De LA LIBERTE : déclinaison

Comment affirmer la liberté lorsqu'on est atomiste? Surtout si l'on fait la critique acerbe des thèses idéalistes du libre-arbitre, selon lesquelles la liberté jaillirait incompréhensiblement de quelque vertu "divine" supposée, d'une participation fantasmatique au ciel intelligible? Pour un atomiste conséquent tout est nature, et il ne peut y avoir qu'une seule nature, qui est le Tout. Si une liberté existe, elle prend sa source dans la disposition et la composition universelle de la matière. 

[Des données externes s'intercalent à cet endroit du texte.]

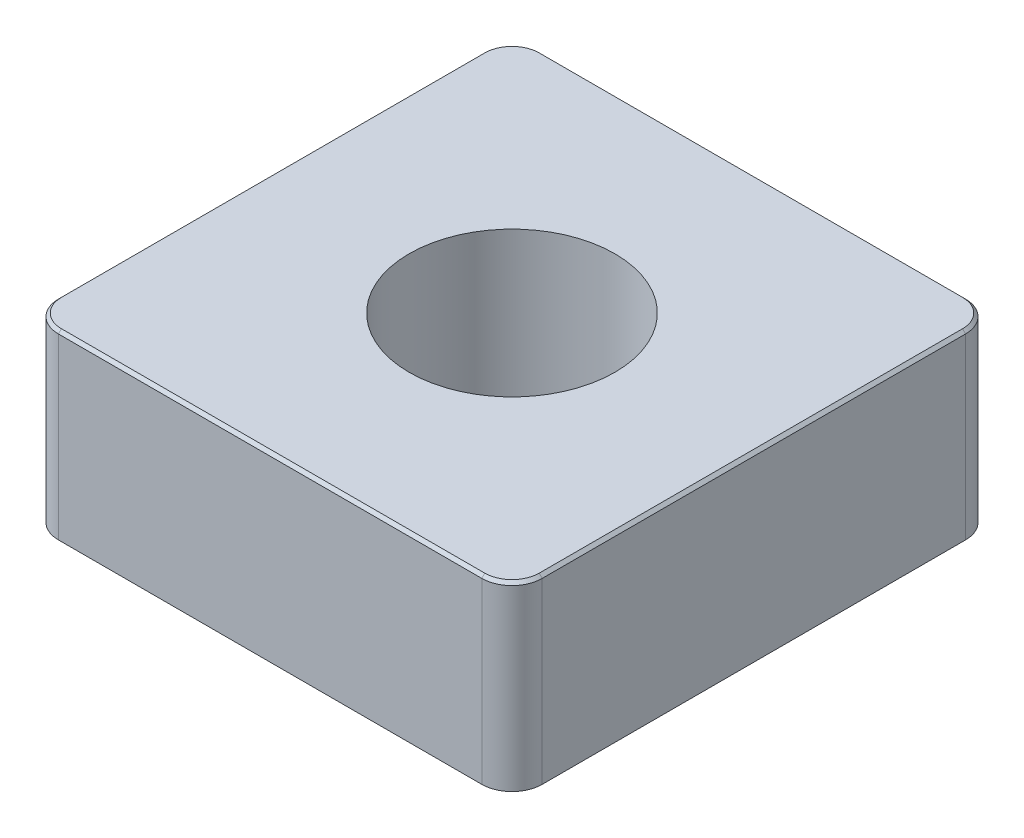
SolidWorks part; units mm, degrees
ref_plane "Front Plane" through (0, 0, 0) normal (0, 0, 1) x (1, 0, 0)
ref_plane "Top Plane" through (0, 0, 0) normal (0, 1, 0) x (1, 0, 0)
ref_plane "Right Plane" through (0, 0, 0) normal (1, 0, 0) x (0, 0, -1)
ref_plane "Plane4" through (0, 30, 0) normal (0, 1, 0) x (1, 0, 0)
sketch "Sketch1" plane through (0, 30, 0) normal (0, 1, 0) x (1, 0, 0)
  line L0 (-40, -40) -> (40, -40)
  line L1 (40, -40) -> (40, 40)
  line L2 (40, 40) -> (-40, 40)
  line L3 (-40, 40) -> (-40, -40)
  dimension "D1" = 80
extrude "Boss-Extrude1" add sketch "Sketch1" against normal blind 30
hole_wizard "M36x2.0 Tapped Hole1" positions "Sketch3" profile "Sketch2" tap size "M36x2.0" standard "ANSI Metric" end condition through all
sketch "Sketch3" plane through (0, 30, 0) normal (0, 1, 0) x (1, 0, 0)
  point P0 (0, 0)
sketch "Sketch2" plane through (0, 30, 0) normal (1, 0, 0) x (0, 0, 1)
  line L0 (0, 0) -> (0, 30)
  line L1 (0, 30) -> (17, 30)
  line L2 (17, 30) -> (17, 0)
  line L5 (17, 0) -> (0, 0)
  line L11 (0, -6.35) -> (0, 107.95) construction
  dimension "螺纹线主直径" = 34
  dimension "通孔螺纹孔钻头深度" = 30
fillet "Fillet1" radius 5 4 edges at (40, 15, 40) (-40, 15, 40) (40, 15, -40) (-40, 15, -40)
chamfer "Chamfer1" distance 0.5 angle 45 8 edges at (0, 30, -40) (38.5355, 30, -38.5355) (-38.5355, 30, -38.5355) (40, 30, 0) (-40, 30, 0) (38.5355, 30, 38.5355) (-38.5355, 30, 38.5355) (0, 30, 40)

Là dessus deux conceptions sont possibles. Ou la nature est totalement déterminée et dès lors tout s'enchaîne selon la causalité universelle. Alors la liberté, comme indétermination et création de nouveauté est impossible. Ou à l'inverse, alors même qu'il existe des chaînes causales répérables et nécessaires, il existe par ailleurs des îlots d'indétermination, à partir desquels de nouvelles chaînes causales surgissent, entraînant de nouvelles combinaisons, et de nouveaux effets. C'est la théorie de la déclinaison (parengklisis : inclinaison de côté), indispensable à la compréhension de la physique épicurienne. Si l'on veut comprendre la prodigieuse inventivité de la nature il faut poser qu'il existe à côté du mouvement nécessaire et linéaire de la causalité une capacité de l'atome à dévier de sa course première, à faire un écart, "en des lieux, en des temps inassignables", lequel entraînera de nouveaux chocs, de nouvelles combinaisons, aléatoires et incalculables au départ, mais dont les effets peuvent être considérables. Songeons par exemple à une légère mutation dans la duplication du programme génétique d'un espèce, qui, se reproduisant dans le temps grâce à des conditions favorables, fera naître une espèce nouvelle. C'est ainsi que Lucrèce, reprenant la théorie de la déclinaison (clinamen), distinguera soigneusement les "foedera fati" - liens du destin - les chaînes causales déterminées, des "foedera naturai" - liens de "naissance", liens de Vénus, liens de nouveauté, issus d'une nouvelle combinatoire du clinamen. De la sorte il faut concevoir l'organisation et les mouvements de l'univers selon une double logique : des processus alétoires et des chaînes causales déterminées. De la répétition et de l'innovation. De l'ordre et du désordre. Ni la seule et totale  improvisation du hasard, ni le seul et univoque déterminisme causal. C'est ainsi que l'on peut rendre compte, et de la constance des phénomènes susceptibles de se ranger sous une loi rationnelle (régularité relative des saisons, révolutions célestes etc) et des formidables innovations de la nature (apparitions et disparitions des espèces vivantes, phénomènes rares, formation des mondes etc).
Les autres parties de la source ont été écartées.